More than half of human genes undergo alternative polyadenylation (APA) and generate mRNA transcripts with varying lengths. Increasing awareness of APA’s role in human health and disease has propelled the development of several 3’ sequencing (3’Seq) techniques. Despite the recent data explosion, computational tools that are precisely designed for 3’Seq data are not well established. PolyA-miner is developed specifically for 3’Seq data, it accounts for all non‐proximal to non‐distal APA switches using vector projections and reflect precise gene level 3’UTR changes. PolyA-miner is less susceptible to inherent data variations can also to effectively identify novel APA sites that are otherwise undetected using reference-based approaches. With the emerging importance of alternative polyadenylation in studying human diseases, PolyA-miner can significantly accelerate data analysis and help decoding the missing pieces of underlying alternative polyadenylation dynamics. 

CrypSplice


Alternative splicing of RNA is the key mechanism by which a single gene codes for multiple functionally diverse proteins. Several studies established compromised RNA homeostasis (splicing errors) and identified previously unknown class of exons, ‘cryptic’ exons, in RNA transcripts. These cryptic exons are often associated with various neurological disorders and cancers. Genome-wise detection of cryptic splice sites can facilitate a comprehensive understanding of the underlying disease mechanisms and develop therapeutic strategies. CrypSplice can effectively quantify and evaluate cryptic splicing patterns from RNASeq data using a beta‐binomial distribution model. CrypSplice, revealed extensive cryptic slicing in Amyotrophic lateral sclerosis and Spinocerebellar ataxia models.

ModelMatcher


Researchers at the Jan and Dan Duncan Neurological Research Institute (Duncan NRI) at Texas Children’s Hospital have created and launched ModelMatcher, a new virtual global networking/matchmaking platform designed to facilitate and enhance the pace of preclinical discovery and therapeutic development for numerous new and existing genetic disorders. ModelMatcher is the brainchild of Duncan NRI investigators and Baylor College of Medicine faculty, Dr. Shinya Yamamoto and Dr. Zhandong Liu. Dr. Yamamoto is a fruit fly biologist, and Dr. Liu is a computational biologist. Their teams, including Duncan NRI and Baylor graduate student, Michael Harnish, and staff programmers Lucian Liu and Seon Young Kim, created ModelMatcher as a common online space where diverse stakeholders could come together to connect, interact, generate new ideas, innovate and share discoveries with the common goal of improving the lives of patients and families.

Aminode


A user-friendly web tool, developed by Dr.

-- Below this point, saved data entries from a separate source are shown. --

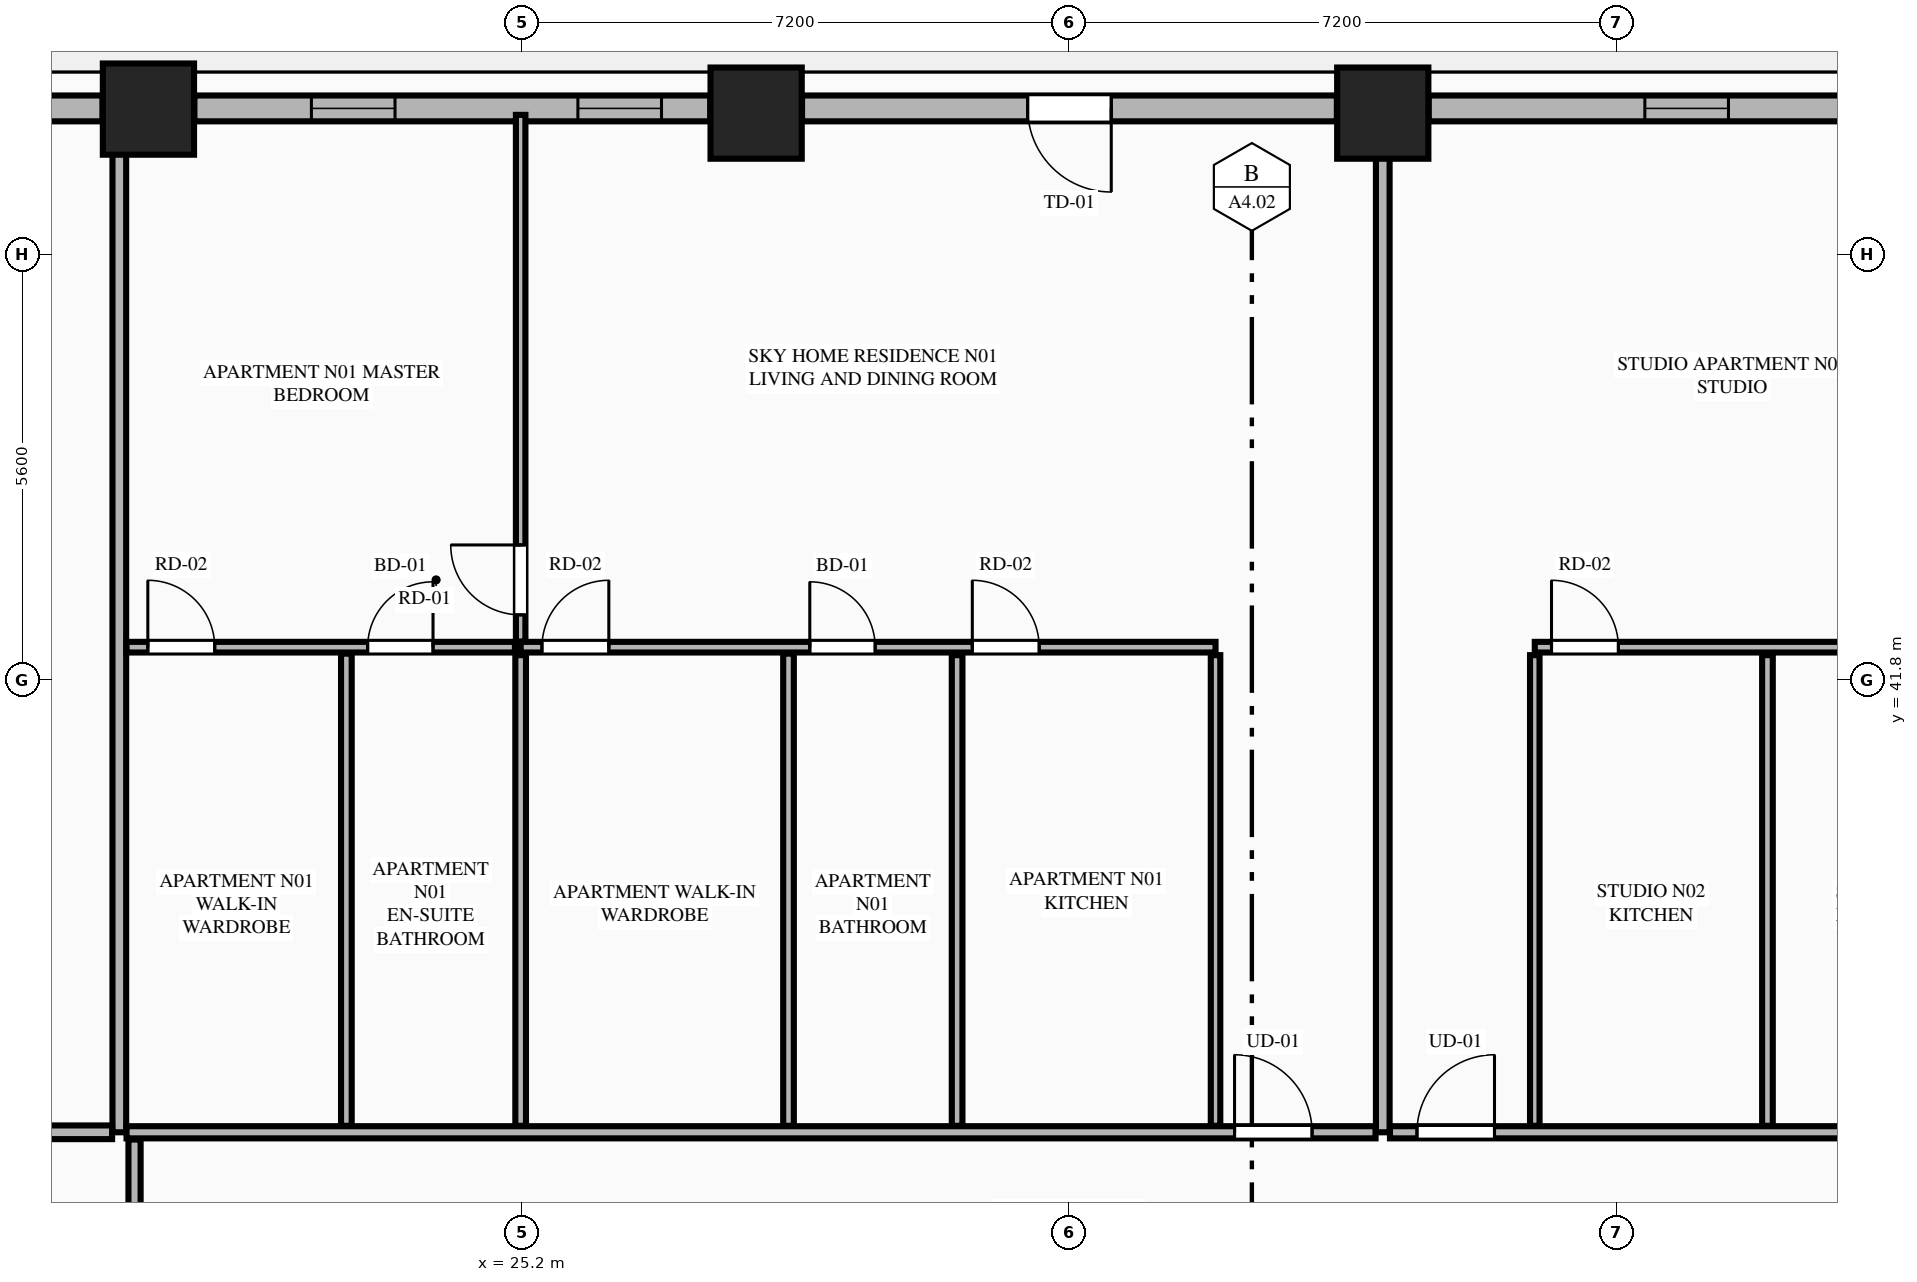
"""IFC4 building model, lengths in metres.
Left out: names, types, materials, properties, quantities, classifications, styles, units other than length and angle.
Written with IfcOpenShell. Run it as: python <this file> out.ifc"""

import sys

from ifc_helpers import new_model, si_unit, direction, frame, frame_2d, origin, origin_2d, place, context, subcontext, project, spatial, rectangle, extrude, element, fill, save


model = new_model("IFC4")
c1 = context("Model", 3, precision=1e-05, world=origin(), true_north=direction((0.0, 1.0)))
c2 = subcontext(c1, "Body", "Model", "MODEL_VIEW")
j1 = project(units=[si_unit("LENGTHUNIT", "METRE"), si_unit("PLANEANGLEUNIT", "RADIAN")], contexts=[c1])
p1 = place(None, origin())
s1 = spatial("IfcSite", under=j1, at=p1, CompositionType="ELEMENT")
p2 = place(p1, origin())
s2 = spatial("IfcBuilding", under=s1, at=p2, CompositionType="ELEMENT")
p3 = place(p2, frame((0.0, 0.0, 32.0)))
s3 = spatial("IfcBuildingStorey", under=s2, at=p3, CompositionType="ELEMENT", Elevation=32.0)
for number, where, z_axis, x_axis in (
    (1, (36.522, 49.258, 0.0), (0.0, 0.0, 1.0), (1.0, 0.0, 0.0)),
    (2, (28.278, 49.258, 0.0), (0.0, 0.0, 1.0), (1.0, 0.0, 0.0)),
    (3, (20.283, 49.311, 0.0), (0.0, 0.0, 1.0), (1.0, 0.0, 0.0)),
):
    element("IfcColumn", number, at=place(p3, frame(where, z_axis=z_axis, x_axis=x_axis)), inside=s3, PredefinedType="COLUMN", context=c2, shape_type="SweptSolid", body=[
        extrude(rectangle(XDim=1.2, YDim=1.2, at=origin_2d()), origin(), (0.0, 0.0, 1.0), 3.55),
    ])
p4 = place(p3, frame((43.913, 49.32, 0.0), z_axis=(0.0, 0.0, 1.0), x_axis=(-1.0, 0.0, 0.0)))
e4 = element("IfcWall", 4, at=p4, inside=s3, PredefinedType="STANDARD", context=c2, shape_type="SweptSolid", body=[
    extrude(rectangle(XDim=6.787, YDim=0.34, at=frame_2d((3.394, 0.0))), origin(), (0.0, 0.0, 1.0), 2.787),
])
p5 = place(p4, frame((2.843, 0.0, 0.75)))
e5 = element("IfcOpeningElement", 5, at=p5, cuts=e4, PredefinedType="OPENING", context=c2, shape_type="SweptSolid", body=[
    extrude(rectangle(XDim=1.1, YDim=1.887, at=frame_2d((0.55, 0.943))), frame((0.0, 0.18, 0.0), z_axis=(0.0, -1.0, 0.0), x_axis=(1.0, 0.0, 0.0)), (0.0, 0.0, 1.0), 0.36),
])
p6 = place(p3, frame((35.918, 49.32, 0.0), z_axis=(0.0, 0.0, 1.0), x_axis=(-1.0, 0.0, 0.0)))
e6 = element("IfcWall", 6, at=p6, inside=s3, PredefinedType="STANDARD", context=c2, shape_type="SweptSolid", body=[
    extrude(rectangle(XDim=7.036, YDim=0.34, at=frame_2d((3.518, 0.0))), origin(), (0.0, 0.0, 1.0), 2.787),
])
p7 = place(p6, frame((2.968, 0.0, 0.0)))
e7 = element("IfcOpeningElement", 7, at=p7, cuts=e6, PredefinedType="OPENING", context=c2, shape_type="SweptSolid", body=[
    extrude(rectangle(XDim=1.1, YDim=2.25, at=frame_2d((0.55, 1.125))), frame((0.0, 0.18, 0.0), z_axis=(0.0, -1.0, 0.0), x_axis=(1.0, 0.0, 0.0)), (0.0, 0.0, 1.0), 0.36),
])
p8 = place(p3, frame((27.674, 49.32, 0.0), z_axis=(0.0, 0.0, 1.0), x_axis=(-1.0, 0.0, 0.0)))
e8 = element("IfcWall", 8, at=p8, inside=s3, PredefinedType="STANDARD", context=c2, shape_type="SweptSolid", body=[
    extrude(rectangle(XDim=6.787, YDim=0.34, at=frame_2d((3.394, 0.0))), origin(), (0.0, 0.0, 1.0), 2.787),
])
p9 = place(p8, frame((0.641, 0.0, 0.75)))
e9 = element("IfcOpeningElement", 9, at=p9, cuts=e8, PredefinedType="OPENING", context=c2, shape_type="SweptSolid", body=[
    extrude(rectangle(XDim=1.1, YDim=1.887, at=frame_2d((0.55, 0.943))), frame((0.0, 0.18, 0.0), z_axis=(0.0, -1.0, 0.0), x_axis=(1.0, 0.0, 0.0)), (0.0, 0.0, 1.0), 0.36),
])
p10 = place(p8, frame((4.147, 0.0, 0.75)))
e10 = element("IfcOpeningElement", 10, at=p10, cuts=e8, PredefinedType="OPENING", context=c2, shape_type="SweptSolid", body=[
    extrude(rectangle(XDim=1.1, YDim=1.887, at=frame_2d((0.55, 0.943))), frame((0.0, 0.18, 0.0), z_axis=(0.0, -1.0, 0.0), x_axis=(1.0, 0.0, 0.0)), (0.0, 0.0, 1.0), 0.36),
])
p11 = place(p3, frame((19.679, 49.32, 0.0), z_axis=(0.0, 0.0, 1.0), x_axis=(-1.0, 0.0, 0.0)))
e11 = element("IfcWall", 11, at=p11, inside=s3, PredefinedType="STANDARD", context=c2, shape_type="SweptSolid", body=[
    extrude(rectangle(XDim=1.245, YDim=0.34, at=frame_2d((0.623, 0.0))), origin(), (0.0, 0.0, 1.0), 3.33),
])
p12 = place(p3, frame((19.9, 35.85, 0.0), z_axis=(0.0, 0.0, 1.0), x_axis=(0.0, 1.0, 0.0)))
e12 = element("IfcWall", 12, at=p12, inside=s3, PredefinedType="PARTITIONING", context=c2, shape_type="SweptSolid", body=[
    extrude(rectangle(XDim=13.295, YDim=0.18, at=frame_2d((6.647, 0.0))), origin(), (0.0, 0.0, 1.0), 3.33),
])
p13 = place(p3, frame((36.522, 35.85, 0.0), z_axis=(0.0, 0.0, 1.0), x_axis=(0.0, 1.0, 0.0)))
e13 = element("IfcWall", 13, at=p13, inside=s3, PredefinedType="PARTITIONING", context=c2, shape_type="SweptSolid", body=[
    extrude(rectangle(XDim=13.295, YDim=0.18, at=frame_2d((6.647, 0.0))), origin(), (0.0, 0.0, 1.0), 2.636),
])
p14 = place(p3, frame((19.995, 35.85, 0.0), z_axis=(0.0, 0.0, 1.0), x_axis=(1.0, 0.0, 0.0)))
e14 = element("IfcWall", 14, at=p14, inside=s3, PredefinedType="PARTITIONING", context=c2, shape_type="SweptSolid", body=[
    extrude(rectangle(XDim=16.432, YDim=0.16, at=frame_2d((8.216, 0.0))), origin(), (0.0, 0.0, 1.0), 3.33),
])
p15 = place(p14, frame((14.577, 0.0, 0.0)))
e15 = element("IfcOpeningElement", 15, at=p15, cuts=e14, PredefinedType="OPENING", context=c2, shape_type="SweptSolid", body=[
    extrude(rectangle(XDim=1.02, YDim=2.25, at=frame_2d((0.51, 1.125))), frame((0.0, 0.09, 0.0), z_axis=(0.0, -1.0, 0.0), x_axis=(1.0, 0.0, 0.0)), (0.0, 0.0, 1.0), 0.18),
])
p16 = place(p3, frame((34.322, 35.935, 0.0), z_axis=(0.0, 0.0, 1.0), x_axis=(0.0, 1.0, 0.0)))
e16 = element("IfcWall", 16, at=p16, inside=s3, PredefinedType="PARTITIONING", context=c2, shape_type="SweptSolid", body=[
    extrude(rectangle(XDim=6.192, YDim=0.125, at=frame_2d((3.096, 0.0))), origin(), (0.0, 0.0, 1.0), 3.33),
])
p17 = place(p3, frame((25.18, 42.232, 0.0), z_axis=(0.0, 0.0, 1.0), x_axis=(1.0, 0.0, 0.0)))
e17 = element("IfcWall", 17, at=p17, inside=s3, PredefinedType="PLUMBINGWALL", context=c2, shape_type="SweptSolid", body=[
    extrude(rectangle(XDim=9.142, YDim=0.14, at=frame_2d((4.571, 0.0))), origin(), (0.0, 0.0, 1.0), 3.33),
])
p18 = place(p17, frame((0.28, 0.0, 0.0)))
e18 = element("IfcOpeningElement", 18, at=p18, cuts=e17, PredefinedType="OPENING", context=c2, shape_type="SweptSolid", body=[
    extrude(rectangle(XDim=0.88, YDim=2.15, at=frame_2d((0.44, 1.075))), frame((0.0, 0.08, 0.0), z_axis=(0.0, -1.0, 0.0), x_axis=(1.0, 0.0, 0.0)), (0.0, 0.0, 1.0), 0.16),
])
p19 = place(p17, frame((3.804, 0.0, 0.0)))
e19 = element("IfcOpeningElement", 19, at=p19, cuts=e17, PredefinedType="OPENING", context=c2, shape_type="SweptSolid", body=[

Marco Sardiello’s team, for the routine and rapid inference of evolutionarily constrained regions (ECRs), hallmark for the sites of critical importance for a protein’s structure or function. Aminode is pre-loaded with the results of the analysis of the whole human proteome compared with proteomes from 62 additional vertebrate species. The profiles of the relative rates of amino acid substitution and ECR maps of human proteins can be searched and downloaded from Aminode website.

CRISPRcloud


A user-friendly, cloud-based, data analysis pipeline that was co-developed by researchers in the laboratories of Drs. Zhandong Liu and Huda Zoghbi, for the deconvolution of pooled CRISPR screening datasets. This tool serves a dual purpose of extracting, clustering and analyzing raw next generation sequencing files derived from pooled screening experiments and presents them in a user-friendly way on a secure web-based platform.

MARRVEL


A publicly available website, co-developed by Dr. Hugo Bellen’s team and researchers in the Undiagnosed Disease Network, that integrates information from six human genetic databases and seven model organism databases. For any given variant or gene, MARRVEL curates information from model organism-specific databases to concurrently display a concise summary regarding the human gene homologs in budding and fission yeast, worm, fly, fish, mouse, and rat on a single webpage.